第三話 本物のステラを知る街
「ようこそお越しくださいました、ステラさん」
「お待ちしておりましたよ」
「変わらないですね、ここは、」
「そうかも知れませんね」
「ステラさんも話に聞いていたとおりです」
「そうですね…」
「私の見た目はあまり変わりませんから」
ステラは休みをもらいあの魔法を嫌う獣人の街に来ていた。
あの長老はもう居ない。
でも、この街だけはここにいるステラこそがシオンを守り育て抜いたものであることを知っている。

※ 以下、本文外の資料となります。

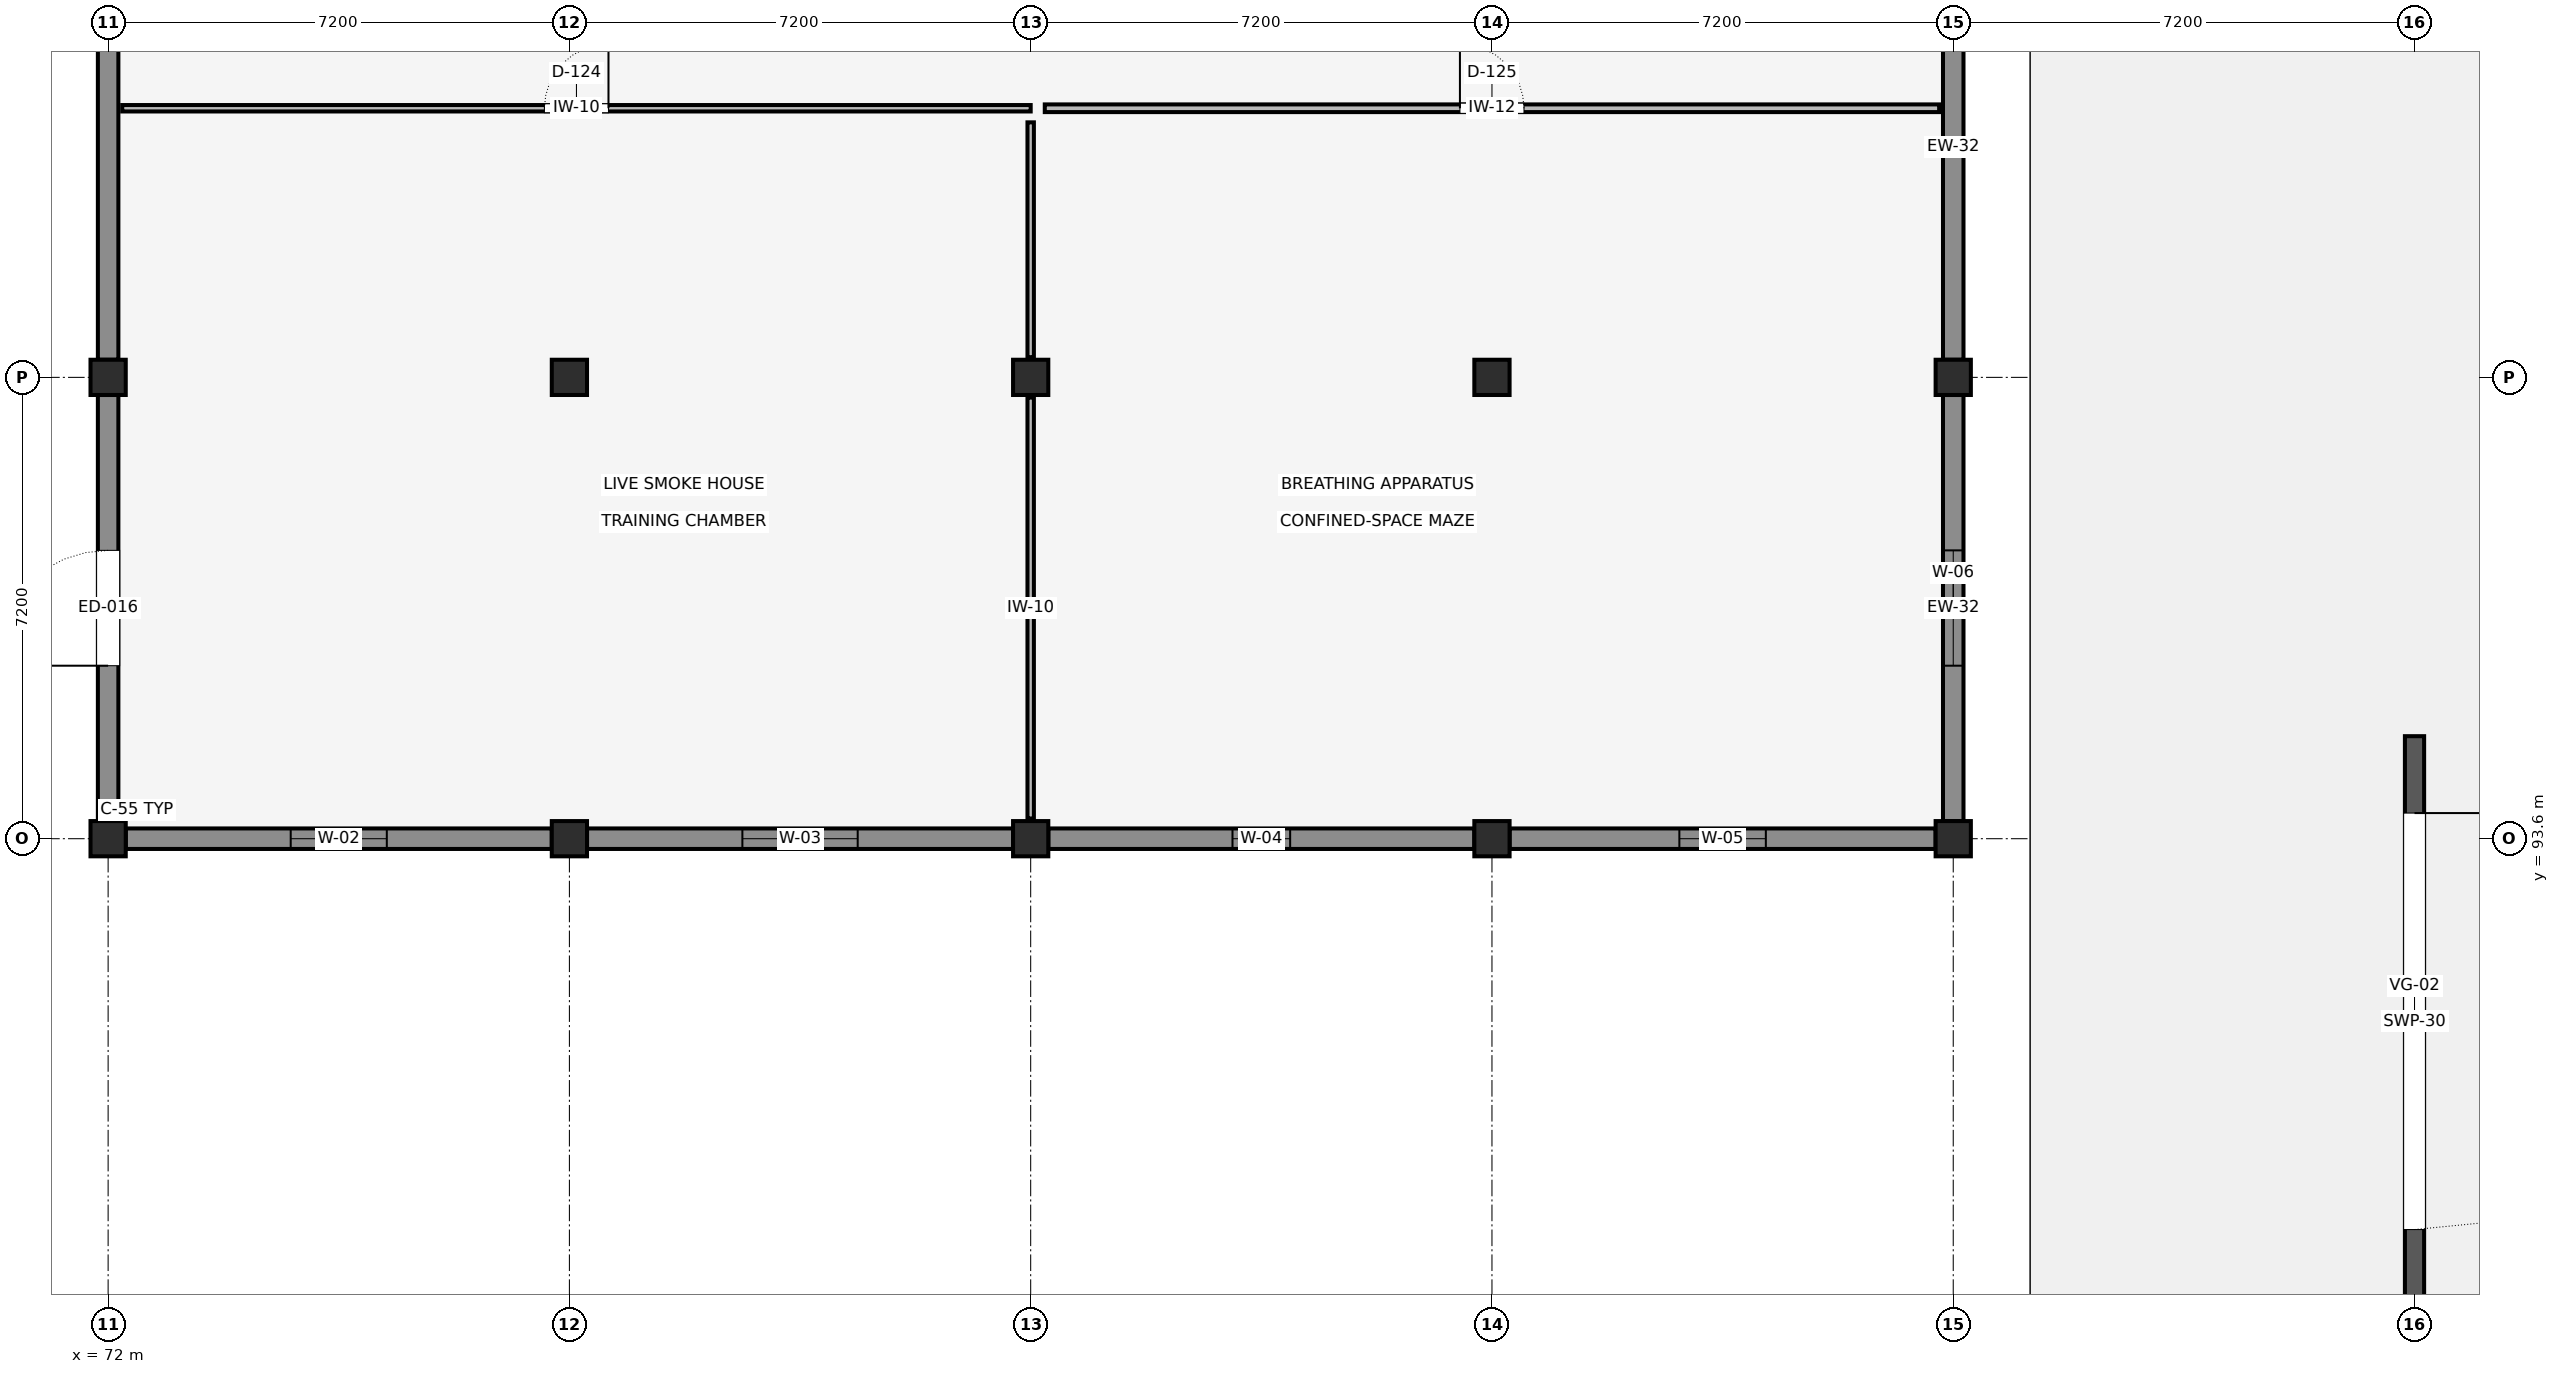
"""IFC4 building model, lengths in metres.
Left out: names, types, materials, properties, quantities, classifications, styles, units other than length and angle.
Written with IfcOpenShell. Run it as: python <this file> out.ifc"""

import sys

from ifc_helpers import new_model, si_unit, direction, frame, frame_2d, origin, origin_2d, place, context, subcontext, project, spatial, rectangle, extrude, element, fill, save


model = new_model("IFC4")
c1 = context("Model", 3, precision=1e-05, world=origin(), true_north=direction((0.0, 1.0)))
c2 = subcontext(c1, "Body", "Model", "MODEL_VIEW")
j1 = project(units=[si_unit("LENGTHUNIT", "METRE"), si_unit("PLANEANGLEUNIT", "RADIAN")], contexts=[c1])
p1 = place(None, origin())
s1 = spatial("IfcSite", under=j1, at=p1, CompositionType="ELEMENT")
p2 = place(p1, origin())
s2 = spatial("IfcBuilding", under=s1, at=p2, CompositionType="ELEMENT")
p3 = place(p2, origin())
s3 = spatial("IfcBuildingStorey", under=s2, at=p3, CompositionType="ELEMENT", Elevation=0.0)
for number, where, z_axis, x_axis in (
    (1, (72.0, 93.6, 0.0), (0.0, 0.0, 1.0), (1.0, 0.0, 0.0)),
    (2, (72.0, 100.8, 0.0), (0.0, 0.0, 1.0), (1.0, 0.0, 0.0)),
    (3, (79.2, 93.6, 0.0), (0.0, 0.0, 1.0), (1.0, 0.0, 0.0)),
    (4, (79.2, 100.8, 0.0), (0.0, 0.0, 1.0), (1.0, 0.0, 0.0)),
    (5, (86.4, 93.6, 0.0), (0.0, 0.0, 1.0), (1.0, 0.0, 0.0)),
    (6, (86.4, 100.8, 0.0), (0.0, 0.0, 1.0), (1.0, 0.0, 0.0)),
    (7, (93.6, 93.6, 0.0), (0.0, 0.0, 1.0), (1.0, 0.0, 0.0)),
    (8, (93.6, 100.8, 0.0), (0.0, 0.0, 1.0), (1.0, 0.0, 0.0)),
    (9, (100.8, 93.6, 0.0), (0.0, 0.0, 1.0), (1.0, 0.0, 0.0)),
    (10, (100.8, 100.8, 0.0), (0.0, 0.0, 1.0), (1.0, 0.0, 0.0)),
):
    element("IfcColumn", number, at=place(p3, frame(where, z_axis=z_axis, x_axis=x_axis)), inside=s3, PredefinedType="COLUMN", context=c2, shape_type="SweptSolid", body=[
        extrude(rectangle(XDim=0.55, YDim=0.55, at=origin_2d()), origin(), (0.0, 0.0, 1.0), 5.4),
    ])
p4 = place(p3, frame((100.8, 93.875, 0.0), z_axis=(0.0, 0.0, 1.0), x_axis=(0.0, 1.0, 0.0)))
e11 = element("IfcWall", 11, at=p4, inside=s3, PredefinedType="ELEMENTEDWALL", context=c2, shape_type="SweptSolid", body=[
    extrude(rectangle(XDim=6.65, YDim=0.32, at=frame_2d((3.325, 0.0))), origin(), (0.0, 0.0, 1.0), 4.55),
])
p5 = place(p4, frame((2.425, 0.0, 0.85)))
e12 = element("IfcOpeningElement", 12, at=p5, cuts=e11, PredefinedType="OPENING", context=c2, shape_type="SweptSolid", body=[
    extrude(rectangle(XDim=1.8, YDim=1.95, at=frame_2d((0.9, 0.975))), frame((0.0, 0.172, 0.0), z_axis=(0.0, -1.0, 0.0), x_axis=(1.0, 0.0, 0.0)), (0.0, 0.0, 1.0), 0.344),
])
p6 = place(p3, frame((100.8, 101.075, 0.0), z_axis=(0.0, 0.0, 1.0), x_axis=(0.0, 1.0, 0.0)))
e13 = element("IfcWall", 13, at=p6, inside=s3, PredefinedType="ELEMENTEDWALL", context=c2, shape_type="SweptSolid", body=[
    extrude(rectangle(XDim=6.65, YDim=0.32, at=frame_2d((3.325, 0.0))), origin(), (0.0, 0.0, 1.0), 4.52),
])
p7 = place(p3, frame((72.0, 107.725, 0.0), z_axis=(0.0, 0.0, 1.0), x_axis=(0.0, -1.0, 0.0)))
e14 = element("IfcWall", 14, at=p7, inside=s3, PredefinedType="ELEMENTEDWALL", context=c2, shape_type="SweptSolid", body=[
    extrude(rectangle(XDim=6.65, YDim=0.32, at=frame_2d((3.325, 0.0))), origin(), (0.0, 0.0, 1.0), 4.5),
])
p8 = place(p3, frame((72.0, 100.525, 0.0), z_axis=(0.0, 0.0, 1.0), x_axis=(0.0, -1.0, 0.0)))
e15 = element("IfcWall", 15, at=p8, inside=s3, PredefinedType="ELEMENTEDWALL", context=c2, shape_type="SweptSolid", body=[
    extrude(rectangle(XDim=6.65, YDim=0.32, at=frame_2d((3.325, 0.0))), origin(), (0.0, 0.0, 1.0), 4.55),
])
p9 = place(p8, frame((2.425, 0.0, 0.0)))
e16 = element("IfcOpeningElement", 16, at=p9, cuts=e15, PredefinedType="OPENING", context=c2, shape_type="SweptSolid", body=[
    extrude(rectangle(XDim=1.8, YDim=2.2, at=frame_2d((0.9, 1.1))), frame((0.0, 0.172, 0.0), z_axis=(0.0, -1.0, 0.0), x_axis=(1.0, 0.0, 0.0)), (0.0, 0.0, 1.0), 0.344),
])
p10 = place(p3, frame((72.275, 93.6, 0.0), z_axis=(0.0, 0.0, 1.0), x_axis=(1.0, 0.0, 0.0)))
e17 = element("IfcWall", 17, at=p10, inside=s3, PredefinedType="ELEMENTEDWALL", context=c2, shape_type="SweptSolid", body=[
    extrude(rectangle(XDim=6.65, YDim=0.32, at=frame_2d((3.325, 0.0))), origin(), (0.0, 0.0, 1.0), 4.45),
])
p11 = place(p10, frame((2.575, 0.0, 0.85)))
e18 = element("IfcOpeningElement", 18, at=p11, cuts=e17, PredefinedType="OPENING", context=c2, shape_type="SweptSolid", body=[
    extrude(rectangle(XDim=1.5, YDim=2.2, at=frame_2d((0.75, 1.1))), frame((0.0, 0.172, 0.0), z_axis=(0.0, -1.0, 0.0), x_axis=(1.0, 0.0, 0.0)), (0.0, 0.0, 1.0), 0.344),
])
p12 = place(p3, frame((79.475, 93.6, 0.0), z_axis=(0.0, 0.0, 1.0), x_axis=(1.0, 0.0, 0.0)))
e19 = element("IfcWall", 19, at=p12, inside=s3, PredefinedType="ELEMENTEDWALL", context=c2, shape_type="SweptSolid", body=[
    extrude(rectangle(XDim=6.65, YDim=0.32, at=frame_2d((3.325, 0.0))), origin(), (0.0, 0.0, 1.0), 4.4),
])
p13 = place(p12, frame((2.425, 0.0, 0.85)))
e20 = element("IfcOpeningElement", 20, at=p13, cuts=e19, PredefinedType="OPENING", context=c2, shape_type="SweptSolid", body=[
    extrude(rectangle(XDim=1.8, YDim=2.2, at=frame_2d((0.9, 1.1))), frame((0.0, 0.172, 0.0), z_axis=(0.0, -1.0, 0.0), x_axis=(1.0, 0.0, 0.0)), (0.0, 0.0, 1.0), 0.344),
])
p14 = place(p3, frame((86.675, 93.6, 0.0), z_axis=(0.0, 0.0, 1.0), x_axis=(1.0, 0.0, 0.0)))
e21 = element("IfcWall", 21, at=p14, inside=s3, PredefinedType="ELEMENTEDWALL", context=c2, shape_type="SweptSolid", body=[
    extrude(rectangle(XDim=6.65, YDim=0.32, at=frame_2d((3.325, 0.0))), origin(), (0.0, 0.0, 1.0), 4.45),
])
p15 = place(p14, frame((2.875, 0.0, 0.85)))
e22 = element("IfcOpeningElement", 22, at=p15, cuts=e21, PredefinedType="OPENING", context=c2, shape_type="SweptSolid", body=[
    extrude(rectangle(XDim=0.9, YDim=2.0, at=frame_2d((0.45, 1.0))), frame((0.0, 0.172, 0.0), z_axis=(0.0, -1.0, 0.0), x_axis=(1.0, 0.0, 0.0)), (0.0, 0.0, 1.0), 0.344),
])
p16 = place(p3, frame((93.875, 93.6, 0.0), z_axis=(0.0, 0.0, 1.0), x_axis=(1.0, 0.0, 0.0)))
e23 = element("IfcWall", 23, at=p16, inside=s3, PredefinedType="ELEMENTEDWALL", context=c2, shape_type="SweptSolid", body=[
    extrude(rectangle(XDim=6.65, YDim=0.32, at=frame_2d((3.325, 0.0))), origin(), (0.0, 0.0, 1.0), 4.4),
])
p17 = place(p16, frame((2.65, 0.0, 0.85)))
e24 = element("IfcOpeningElement", 24, at=p17, cuts=e23, PredefinedType="OPENING", context=c2, shape_type="SweptSolid", body=[
    extrude(rectangle(XDim=1.35, YDim=2.0, at=frame_2d((0.675, 1.0))), frame((0.0, 0.172, 0.0), z_axis=(0.0, -1.0, 0.0), x_axis=(1.0, 0.0, 0.0)), (0.0, 0.0, 1.0), 0.344),
])
p18 = place(p3, frame((108.0, 86.3, 0.0), z_axis=(0.0, 0.0, 1.0), x_axis=(0.0, 1.0, 0.0)))
e25 = element("IfcWall", 25, at=p18, inside=s3, PredefinedType="STANDARD", context=c2, shape_type="SweptSolid", body=[
    extrude(rectangle(XDim=8.9, YDim=0.3, at=frame_2d((4.45, 0.0))), origin(), (0.0, 0.0, 1.0), 3.55),
])
p19 = place(p18, frame((1.2, 0.0, 0.0)))
e26 = element("IfcOpeningElement", 26, at=p19, cuts=e25, PredefinedType="OPENING", context=c2, shape_type="SweptSolid", body=[
    extrude(rectangle(XDim=6.5, YDim=2.15, at=frame_2d((3.25, 1.075))), frame((0.0, 0.162, 0.0), z_axis=(0.0, -1.0, 0.0), x_axis=(1.0, 0.0, 0.0)), (0.0, 0.0, 1.0), 0.324),
])
p20 = place(p3, frame((72.22, 105.0, 0.0), z_axis=(0.0, 0.0, 1.0), x_axis=(1.0, 0.0, 0.0)))
e27 = element("IfcWall", 27, at=p20, inside=s3, PredefinedType="PARTITIONING", context=c2, shape_type="SweptSolid", body=[
    extrude(rectangle(XDim=14.18, YDim=0.1, at=frame_2d((7.09, 0.0))), origin(), (0.0, 0.0, 1.0), 4.518),
])
p21 = place(p20, frame((6.59, 0.0, 0.0)))
e28 = element("IfcOpeningElement", 28, at=p21, cuts=e27, PredefinedType="OPENING", context=c2, shape_type="SweptSolid", body=[
    extrude(rectangle(XDim=1.0, YDim=2.15, at=frame_2d((0.5, 1.075))), frame((0.0, 0.062, 0.0), z_axis=(0.0, -1.0, 0.0), x_axis=(1.0, 0.0, 0.0)), (0.0, 0.0, 1.0), 0.124),
])
p22 = place(p3, frame((86.4, 93.915, 0.0), z_axis=(0.0, 0.0, 1.0), x_axis=(0.0, 1.0, 0.0)))
e29 = element("IfcWall", 29, at=p22, inside=s3, PredefinedType="PARTITIONING", context=c2, shape_type="SweptSolid", body=[
    extrude(rectangle(XDim=6.57, YDim=0.1, at=frame_2d((3.285, 0.0))), origin(), (0.0, 0.0, 1.0), 4.548),
])
p23 = place(p3, frame((86.4, 101.115, 0.0), z_axis=(0.0, 0.0, 1.0), x_axis=(0.0, 1.0, 0.0)))
e30 = element("IfcWall", 30, at=p23, inside=s3, PredefinedType="PARTITIONING", context=c2, shape_type="SweptSolid", body=[
    extrude(rectangle(XDim=3.665, YDim=0.1, at=frame_2d((1.833, 0.0))), origin(), (0.0, 0.0, 1.0), 4.518),
])
p24 = place(p3, frame((86.62, 105.0, 0.0), z_axis=(0.0, 0.0, 1.0), x_axis=(1.0, 0.0, 0.0)))
e31 = element("IfcWall", 31, at=p24, inside=s3, PredefinedType="PARTITIONING", context=c2, shape_type="SweptSolid", body=[
    extrude(rectangle(XDim=13.96, YDim=0.12, at=frame_2d((6.98, 0.0))), origin(), (0.0, 0.0, 1.0), 4.568),
])
p25 = place(p24, frame((6.48, 0.0, 0.0)))
e32 = element("IfcOpeningElement", 32, at=p25, cuts=e31, PredefinedType="OPENING", context=c2, shape_type="SweptSolid", body=[
    extrude(rectangle(XDim=1.0, YDim=2.15, at=frame_2d((0.5, 1.075))), frame((0.0, 0.072, 0.0), z_axis=(0.0, -1.0, 0.0), x_axis=(1.0, 0.0, 0.0)), (0.0, 0.0, 1.0), 0.144),
])
p26 = place(p5, origin())
e33 = element("IfcWindow", 33, at=p26, inside=s3, PartitioningType="SINGLE_PANEL", PredefinedType="WINDOW", context=c2, shape_type="SweptSolid", body=[
    extrude(rectangle(XDim=1.8, YDim=1.95, at=frame_2d((0.9, 0.975))), frame((0.0, 0.03, 0.0), z_axis=(0.0, -1.0, 0.0), x_axis=(1.0, 0.0, 0.0)), (0.0, 0.0, 1.0), 0.06),
])
fill(e12, e33)
p27 = place(p9, frame((1.8, 0.0, 0.0), z_axis=(0.0, 0.0, 1.0), x_axis=(-1.0, 0.0, 0.0)))
e34 = element("IfcDoor", 34, at=p27, inside=s3, OperationType="DOUBLE_SWING_LEFT", PredefinedType="DOOR", context=c2, shape_type="SweptSolid", body=[
    extrude(rectangle(XDim=1.8, YDim=2.2, at=frame_2d((0.9, 1.1))), frame((0.0, 0.025, 0.0), z_axis=(0.0, -1.0, 0.0), x_axis=(1.0, 0.0, 0.0)), (0.0, 0.0, 1.0), 0.05),
])
fill(e16, e34)
p28 = place(p11, origin())
e35 = element("IfcWindow", 35, at=p28, inside=s3, PartitioningType="SINGLE_PANEL", PredefinedType="WINDOW", context=c2, shape_type="SweptSolid", body=[
    extrude(rectangle(XDim=1.5, YDim=2.2, at=frame_2d((0.75, 1.1))), frame((0.0, 0.03, 0.0), z_axis=(0.0, -1.0, 0.0), x_axis=(1.0, 0.0, 0.0)), (0.0, 0.0, 1.0), 0.06),
])
fill(e18, e35)
p29 = place(p13, origin())
e36 = element("IfcWindow", 36, at=p29, inside=s3, PartitioningType="SINGLE_PANEL", PredefinedType="WINDOW", context=c2, shape_type="SweptSolid", body=[
    extrude(rectangle(XDim=1.8, YDim=2.2, at=frame_2d((0.9, 1.1))), frame((0.0, 0.03, 0.0), z_axis=(0.0, -1.0, 0.0), x_axis=(1.0, 0.0, 0.0)), (0.0, 0.0, 1.0), 0.06),
])
fill(e20, e36)
p30 = place(p15, origin())
e37 = element("IfcWindow", 37, at=p30, inside=s3, PartitioningType="SINGLE_PANEL", PredefinedType="WINDOW", context=c2, shape_type="SweptSolid", body=[
    extrude(rectangle(XDim=0.9, YDim=2.0, at=frame_2d((0.45, 1.0))), frame((0.0, 0.03, 0.0), z_axis=(0.0, -1.0, 0.0), x_axis=(1.0, 0.0, 0.0)), (0.0, 0.0, 1.0), 0.06),
])
fill(e22, e37)
p31 = place(p17, origin())
e38 = element("IfcWindow", 38, at=p31, inside=s3, PartitioningType="SINGLE_PANEL", PredefinedType="WINDOW", context=c2, shape_type="SweptSolid", body=[
    extrude(rectangle(XDim=1.35, YDim=2.0, at=frame_2d((0.675, 1.0))), frame((0.0, 0.03, 0.0), z_axis=(0.0, -1.0, 0.0), x_axis=(1.0, 0.0, 0.0)), (0.0, 0.0, 1.0), 0.06),
])
fill(e24, e38)
p32 = place(p19, frame((6.5, 0.0, 0.0), z_axis=(0.0, 0.0, 1.0), x_axis=(-1.0, 0.0, 0.0)))
e39 = element("IfcDoor", 39, at=p32, inside=s3, OperationType="DOUBLE_SWING_LEFT", PredefinedType="DOOR", context=c2, shape_type="SweptSolid", body=[
    extrude(rectangle(XDim=6.5, YDim=2.15, at=frame_2d((3.25, 1.075))), frame((0.0, 0.025, 0.0), z_axis=(0.0, -1.0, 0.0), x_axis=(1.0, 0.0, 0.0)), (0.0, 0.0, 1.0), 0.05),
])
fill(e26, e39)
p33 = place(p21, origin())
e40 = element("IfcDoor", 40, at=p33, inside=s3, OperationType="SINGLE_SWING_RIGHT", PredefinedType="DOOR", context=c2, shape_type="SweptSolid", body=[
    extrude(rectangle(XDim=1.0, YDim=2.15, at=frame_2d((0.5, 1.075))), frame((0.0, 0.025, 0.0), z_axis=(0.0, -1.0, 0.0), x_axis=(1.0, 0.0, 0.0)), (0.0, 0.0, 1.0), 0.05),
])
fill(e28, e40)
p34 = place(p25, origin())
e41 = element("IfcDoor", 41, at=p34, inside=s3, OperationType="SINGLE_SWING_LEFT", PredefinedType="DOOR", context=c2, shape_type="SweptSolid", body=[
    extrude(rectangle(XDim=1.0, YDim=2.15, at=frame_2d((0.5, 1.075))), frame((0.0, 0.025, 0.0), z_axis=(0.0, -1.0, 0.0), x_axis=(1.0, 0.0, 0.0)), (0.0, 0.0, 1.0), 0.05),
])
fill(e32, e41)
save(model, sys.argv[1])

そう、あの長老がステラの魔法を見てた者たちが繋いでくれたのだ。
この時代まで本物のステラのことを
「すいません、豪華なものは出せませんが…」
用意されたのは村で作った野菜を使った料理の数々だ。
とてもいい匂いがする。
「いえ、とても美味しそうですね、」
しばらく一緒に食べていると今の長老はステラにこう問いかける。
「ステラさん、この街に移住しませんか?」
「えっ?」
「苦しくはありませんか?」
「歴史は残酷です、私たちが声を上げてもきっとそれは変わりません、」
「ですが、ここならステラさんの本当を繋いでいく自信があります」
シオンはこんな素敵な場所も私に残してくれていたんだ。
そう思いステラは微笑む。
だけど、
「すいません、私、あの教室に生徒を残してきてしまっています」
「あの子たちがいたら歴史に皆に否定されても辛くありません、」
「それに、シオンが作った『ハーフ』の子たちの居場所をこの手で守りたいんです」
「そうですか…」
「ならば、辛くなったらいつでもお越しくださいね、」
「ステラさんのこと私の次の代にもその次の代にも繋げていきますから」
「一人で悩まないでくださいね」
「ありがとうございます」
どんなに世界がステラを否定しても、
あの教室の生徒たちがこの街にいる人々が、何よりもシオンがステラを正しく理解し愛してくれる。
そのことがなによりもステラの救いになり生きる意味になる。